# Pimento Cheese



## lyndalou (Feb 24, 2017)

How do you make this? I want to make chicken breasts stuffed with pimento cheese, but have never made it. Any suggestions?


----------



## Sir_Loin_of_Beef (Feb 24, 2017)

Making your own requires cream cheese, Monterey jack cheese, cheddar cheese, mayonnaise, pimentos and seasonings. IMHO, it is not cost effective to make it your own self. You can buy it in the cheese section of your favorite grocery store.


----------



## blissful (Feb 24, 2017)

Why wouldn't it be cost effective to make it yourself? I grow pimento peppers and roast and peel and chop them, and freeze them in small proportions to make pimento cheese. Is there anything besides the cost of pimentos that would cost very much? How much do pimentos cost in the grocery store?

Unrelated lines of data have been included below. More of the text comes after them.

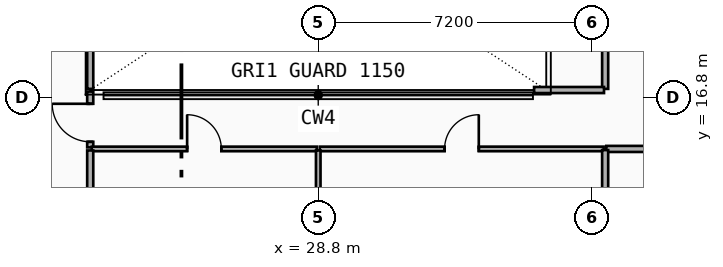
"""IFC4 building model, lengths in metres.
Left out: names, types, materials, properties, quantities, classifications, styles, units other than length and angle.
Written with IfcOpenShell. Run it as: python <this file> out.ifc"""

import sys

from ifc_helpers import new_model, si_unit, direction, frame, frame_2d, origin, place, context, subcontext, project, spatial, rectangle, extrude, element, fill, save


model = new_model("IFC4")
c1 = context("Model", 3, precision=1e-05, world=origin(), true_north=direction((0.0, 1.0)))
c2 = subcontext(c1, "Body", "Model", "MODEL_VIEW")
j1 = project(units=[si_unit("LENGTHUNIT", "METRE"), si_unit("PLANEANGLEUNIT", "RADIAN")], contexts=[c1])
p1 = place(None, origin())
s1 = spatial("IfcSite", under=j1, at=p1, CompositionType="ELEMENT")
p2 = place(p1, origin())
s2 = spatial("IfcBuilding", under=s1, at=p2, CompositionType="ELEMENT")
p3 = place(p2, frame((0.0, 0.0, 169.65)))
s3 = spatial("IfcBuildingStorey", under=s2, at=p3, CompositionType="ELEMENT", Elevation=169.65)
p4 = place(p3, frame((22.8, 15.49, 0.0), z_axis=(0.0, 0.0, 1.0), x_axis=(0.0, 1.0, 0.0)))
e1 = element("IfcWall", 1, at=p4, inside=s3, PredefinedType="PARTITIONING", context=c2, shape_type="SweptSolid", body=[
    extrude(rectangle(XDim=1.47, YDim=0.16, at=frame_2d((0.735, 0.0))), origin(), (0.0, 0.0, 1.0), 2.73),
])
p5 = place(p4, frame((0.148, 0.0, 0.0)))
e2 = element("IfcOpeningElement", 2, at=p5, cuts=e1, PredefinedType="OPENING", context=c2, shape_type="SweptSolid", body=[
    extrude(rectangle(XDim=1.0, YDim=2.15, at=frame_2d((0.5, 1.075))), frame((0.0, 0.09, 0.0), z_axis=(0.0, -1.0, 0.0), x_axis=(1.0, 0.0, 0.0)), (0.0, 0.0, 1.0), 0.18),
])
p6 = place(p3, frame((22.84, 15.45, 0.0), z_axis=(0.0, 0.0, 1.0), x_axis=(1.0, 0.0, 0.0)))
e3 = element("IfcWall", 3, at=p6, inside=s3, PredefinedType="PARTITIONING", context=c2, shape_type="SweptSolid", body=[
    extrude(rectangle(XDim=5.92, YDim=0.12, at=frame_2d((2.96, 0.0))), origin(), (0.0, 0.0, 1.0), 2.36),
])
p7 = place(p6, frame((2.51, 0.0, 0.0)))
e4 = element("IfcOpeningElement", 4, at=p7, cuts=e3, PredefinedType="OPENING", context=c2, shape_type="SweptSolid", body=[
    extrude(rectangle(XDim=0.9, YDim=2.1, at=frame_2d((0.45, 1.05))), frame((0.0, 0.07, 0.0), z_axis=(0.0, -1.0, 0.0), x_axis=(1.0, 0.0, 0.0)), (0.0, 0.0, 1.0), 0.14),
])
p8 = place(p3, frame((28.84, 15.45, 0.0), z_axis=(0.0, 0.0, 1.0), x_axis=(1.0, 0.0, 0.0)))
e5 = element("IfcWall", 5, at=p8, inside=s3, PredefinedType="PARTITIONING", context=c2, shape_type="SweptSolid", body=[
    extrude(rectangle(XDim=7.47, YDim=0.12, at=frame_2d((3.735, 0.0))), origin(), (0.0, 0.0, 1.0), 2.36),
])
p9 = place(p8, frame((3.285, 0.0, 0.0)))
e6 = element("IfcOpeningElement", 6, at=p9, cuts=e5, PredefinedType="OPENING", context=c2, shape_type="SweptSolid", body=[
    extrude(rectangle(XDim=0.9, YDim=2.1, at=frame_2d((0.45, 1.05))), frame((0.0, 0.07, 0.0), z_axis=(0.0, -1.0, 0.0), x_axis=(1.0, 0.0, 0.0)), (0.0, 0.0, 1.0), 0.14),
])
p10 = place(p3, frame((22.8, 10.66, 0.0), z_axis=(0.0, 0.0, 1.0), x_axis=(0.0, 1.0, 0.0)))
e7 = element("IfcWall", 7, at=p10, inside=s3, PredefinedType="PARTITIONING", context=c2, shape_type="SweptSolid", body=[
    extrude(rectangle(XDim=4.75, YDim=0.16, at=frame_2d((2.375, 0.0))), origin(), (0.0, 0.0, 1.0), 2.91),
])
p11 = place(p3, frame((28.8, 10.66, 0.0), z_axis=(0.0, 0.0, 1.0), x_axis=(0.0, 1.0, 0.0)))
e8 = element("IfcWall", 8, at=p11, inside=s3, PredefinedType="PARTITIONING", context=c2, shape_type="SweptSolid", body=[
    extrude(rectangle(XDim=4.75, YDim=0.12, at=frame_2d((2.375, 0.0))), origin(), (0.0, 0.0, 1.0), 2.36),
])
p12 = place(p3, frame((36.38, 15.45, 0.0), z_axis=(0.0, 0.0, 1.0), x_axis=(1.0, 0.0, 0.0)))
e9 = element("IfcWall", 9, at=p12, inside=s3, PredefinedType="PARTITIONING", context=c2, shape_type="SweptSolid", body=[
    extrude(rectangle(XDim=1.94, YDim=0.16, at=frame_2d((0.97, 0.0))), origin(), (0.0, 0.0, 1.0), 2.36),
])
p13 = place(p3, frame((36.35, 17.03, 0.0), z_axis=(0.0, 0.0, 1.0), x_axis=(0.0, 1.0, 0.0)))
e10 = element("IfcWall", 10, at=p13, inside=s3, PredefinedType="PARTITIONING", context=c2, shape_type="SweptSolid", body=[
    extrude(rectangle(XDim=8.49, YDim=0.16, at=frame_2d((4.245, 0.0))), origin(), (0.0, 0.0, 1.0), 2.36),
])
p14 = place(p3, frame((34.48, 17.0, 0.0), z_axis=(0.0, 0.0, 1.0), x_axis=(1.0, 0.0, 0.0)))
e11 = element("IfcWall", 11, at=p14, inside=s3, PredefinedType="PARTITIONING", context=c2, shape_type="SweptSolid", body=[
    extrude(rectangle(XDim=1.84, YDim=0.16, at=frame_2d((0.92, 0.0))), origin(), (0.0, 0.0, 1.0), 2.36),
])
p15 = place(p3, frame((22.8, 17.03, 0.0), z_axis=(0.0, 0.0, 1.0), x_axis=(0.0, 1.0, 0.0)))
e12 = element("IfcWall", 12, at=p15, inside=s3, PredefinedType="PARTITIONING", context=c2, shape_type="SweptSolid", body=[
    extrude(rectangle(XDim=8.49, YDim=0.16, at=frame_2d((4.245, 0.0))), origin(), (0.0, 0.0, 1.0), 2.73),
])
p16 = place(p3, frame((36.35, 10.69, 0.0), z_axis=(0.0, 0.0, 1.0), x_axis=(0.0, 1.0, 0.0)))
e13 = element("IfcWall", 13, at=p16, inside=s3, PredefinedType="PARTITIONING", context=c2, shape_type="SweptSolid", body=[
    extrude(rectangle(XDim=4.73, YDim=0.16, at=frame_2d((2.365, 0.0))), origin(), (0.0, 0.0, 1.0), 2.36),
])
p17 = place(p5, origin())
e14 = element("IfcDoor", 14, at=p17, inside=s3, OperationType="SINGLE_SWING_RIGHT", PredefinedType="DOOR", context=c2, shape_type="SweptSolid", body=[
    extrude(rectangle(XDim=1.0, YDim=2.15, at=frame_2d((0.5, 1.075))), frame((0.0, 0.025, 0.0), z_axis=(0.0, -1.0, 0.0), x_axis=(1.0, 0.0, 0.0)), (0.0, 0.0, 1.0), 0.05),
])
fill(e2, e14)
p18 = place(p7, origin())
e15 = element("IfcDoor", 15, at=p18, inside=s3, OperationType="SINGLE_SWING_LEFT", PredefinedType="DOOR", context=c2, shape_type="SweptSolid", body=[
    extrude(rectangle(XDim=0.9, YDim=2.1, at=frame_2d((0.45, 1.05))), frame((0.0, 0.025, 0.0), z_axis=(0.0, -1.0, 0.0), x_axis=(1.0, 0.0, 0.0)), (0.0, 0.0, 1.0), 0.05),
])
fill(e4, e15)
p19 = place(p9, origin())
e16 = element("IfcDoor", 16, at=p19, inside=s3, OperationType="SINGLE_SWING_RIGHT", PredefinedType="DOOR", context=c2, shape_type="SweptSolid", body=[
    extrude(rectangle(XDim=0.9, YDim=2.1, at=frame_2d((0.45, 1.05))), frame((0.0, 0.025, 0.0), z_axis=(0.0, -1.0, 0.0), x_axis=(1.0, 0.0, 0.0)), (0.0, 0.0, 1.0), 0.05),
])
fill(e6, e16)
save(model, sys.argv[1])

I've seen two types of pimento cheese. One is a paste of thouroughly mashed together cheeses w/pimento in a jar. The homemade one is shredded cheese held together with mayo and cream cheese. The textures are different.


----------



## Kayelle (Feb 24, 2017)

The only real requirement for Pimento Cheese is pimento's, and you can make it with lots of different cheeses. I use diced pimento's from a jar, some cream cheese and extra sharp cheddar, pepper jack, bleu cheese crumbles, parm and mayo. Grate all the cheese and mix well.


----------



## lyndalou (Feb 24, 2017)

Thanks, everyone.


----------



## medtran49 (Feb 24, 2017)

Here's a thread with some recipes.  There are several others, just type "pimento cheese" in the advanced search box up in the right hand corner. 

The following is actually a spread for a bread that was served in EPCOT at Walt Disney World, but Zhizara (haven't seen a post from her in a while) thought would make an excellent pimento cheese with some pimentos added.  We haven't made it but between being reminded of it and the fact that somebody on here brought up a Juicy Lucy with pimento cheese in a really old thread makes we want to make some. 

You might want to sub out mayo for the butter since it's not going on warm bread, or maybe not!

3 cups (12 oz) Cheddar cheese, shredded
1/2 cup (4 oz) blue cheese, crumbled
1 package (8 oz) cream cheese, softened
1/3 cup butter, softened
1/4 cup heavy cream
Dash of Tobasco
1/8 tsp Worchestershire sauce
1/8 tsp paprika
salt to taste

 
Have all ingredients at room temperature.
Cut Cheddar cheese into 1 inch cubes and process half of Cheddar with half of blue cheese into food processor with steel blade until smooth. Transfer to 11/2 quart bowl and process remaining Cheddar and blue cheese. Transfer to bowl. Cube cream cheese and add with butter, cream and seasonings to processor and process with steel blade until blended. Add to Cheddar mixture and mix until blended. Store, covered, in refrigerator, but serve at room temperature.


----------



## Roll_Bones (Feb 26, 2017)

blissful said:


> Why wouldn't it be cost effective to make it yourself? I grow pimento peppers and roast and peel and chop them, and freeze them in small proportions to make pimento cheese. Is there anything besides the cost of pimentos that would cost very much? How much do pimentos cost in the grocery store?
> 
> I've seen two types of pimento cheese. One is a paste of thouroughly mashed together cheeses w/pimento in a jar. The homemade one is shredded cheese held together with mayo and cream cheese. The textures are different.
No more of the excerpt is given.